That's crazy,it's kind of funny when I'm at a store and they ask me if they can help me find anything ,I always say I'm looking for your free box full of money


----------



## Gene01 (Jan 5, 2009)

That's incredible!


----------



## Loren (May 30, 2008)

Wendell Castle's carved "Ghost Clock".


----------



## chief101 (Oct 30, 2009)

Unreal!


----------



## Kentuk55 (Sep 21, 2010)

I tell everyone I talk with, that I'm waiting on that suitcase o money to land on my rooftop, or in my yard. If it happens, they'll get a piece o the pie…........


----------



## Bob Collins (Apr 25, 2008)

Great carving and painting. Could have a lot of fun dropping a packet of these notes around or like the old game of money on a string. Thanks for sharing Pete.


----------



## 2436 (Dec 3, 2014)

Hi Pete, I've been wanting to try some carving, maybe combined with something made on the lathe.

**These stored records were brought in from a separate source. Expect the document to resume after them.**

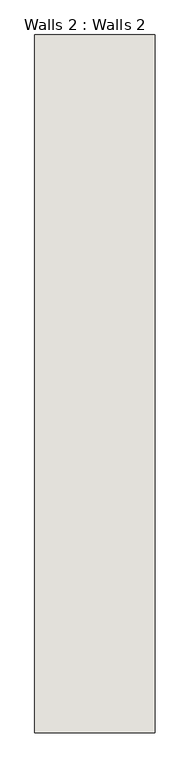
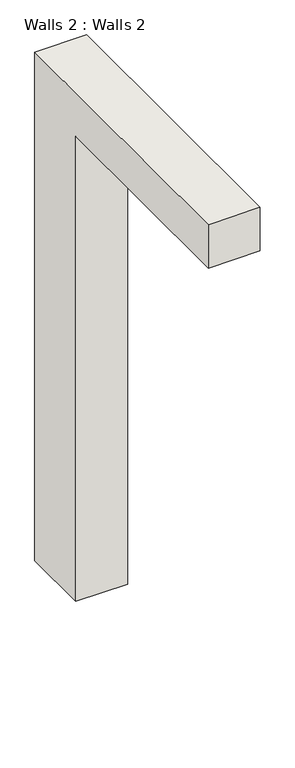
"""IFC4 building model written with IfcOpenShell, lengths in millimetres: wall geometry, Walls 2 : Walls 2."""

from ifc_helpers import new_model, si_unit, frame, origin, place, context, project, spatial, polyline, outline, extrude, source, transform, mapped, element, save


def walls_2_walls_2_b5bda089(model_context):
    return source(origin(), model_context, "Body", "SweptSolid", [
        extrude(outline(polyline([(-1845.8046854, 2762.6009455), (-1845.8046854, 0.0), (-2210.3056457, 0.0), (-2210.3056457, 2525.7941791), (-3390.9180898, 2525.7941791), (-3390.9180898, 2762.6009455), (-1845.8046854, 2762.6009455)])), frame((-16064.8955662, 0.0, 0.0), z_axis=(1.0, 0.0, 0.0), x_axis=(0.0, 1.0, 0.0)), (0.0, 0.0, 1.0), 266.2058338),
    ])


if __name__ == "__main__":
    model = new_model("IFC4")
    model_context = context("Model", 3, world=origin())
    ifc_project = project(units=[si_unit("LENGTHUNIT", "METRE", prefix="MILLI")], contexts=[model_context])
    site = spatial("IfcSite", under=ifc_project)
    building = spatial("IfcBuilding", under=site)
    placement = place(None, origin())
    walls_2_walls_2_shape = walls_2_walls_2_b5bda089(model_context)
    element("IfcWall", 1, ObjectType="Walls 2 : Walls 2", at=placement, inside=building, context=model_context, shape_type="MappedRepresentation", body=[
        mapped(walls_2_walls_2_shape, transform((0.0, 0.0, 0.0), x_axis=(1.0, 0.0, 0.0), y_axis=(0.0, 1.0, 0.0), z_axis=(0.0, 0.0, 1.0))),
    ])
    save(model, "model.ifc")

# Revit data of these elements
# Element 1 (IfcWall, "Walls 2 : Walls 2")
#   Materials on its faces: "Default Wall"
# Materials
#   "Default Wall": colour RGB 80 80 80, transparency 0

Seeing a stunning project like this moves it up on my 'want to do list'.


----------



## tomsteve (Jan 23, 2015)

that guys work is incredible. more talent than just in the carving. i think the patience necessary to do what he does is a talent. the painting talent also blows me away.
heres some more of his work
http://www.randallrosenthal.com/Pages/New%20Pages/contents.htm


----------



## Tennessee (Jul 8, 2011)

I wonder how he does the painting of the bills, and the curves and corregations on the lids of the "cardboard box". Those two efforts were just beyond anything I can imagine, less alone ever hope to perform.

The crazy part is it all looks to have been done with his mind's eye, not to some pattern.


----------



## helluvawreck (Jul 21, 2010)

That is an amazing piece of work. It's actually unbelievable.

helluvawreck aka Charles
http://woodworkingexpo.wordpress.com


----------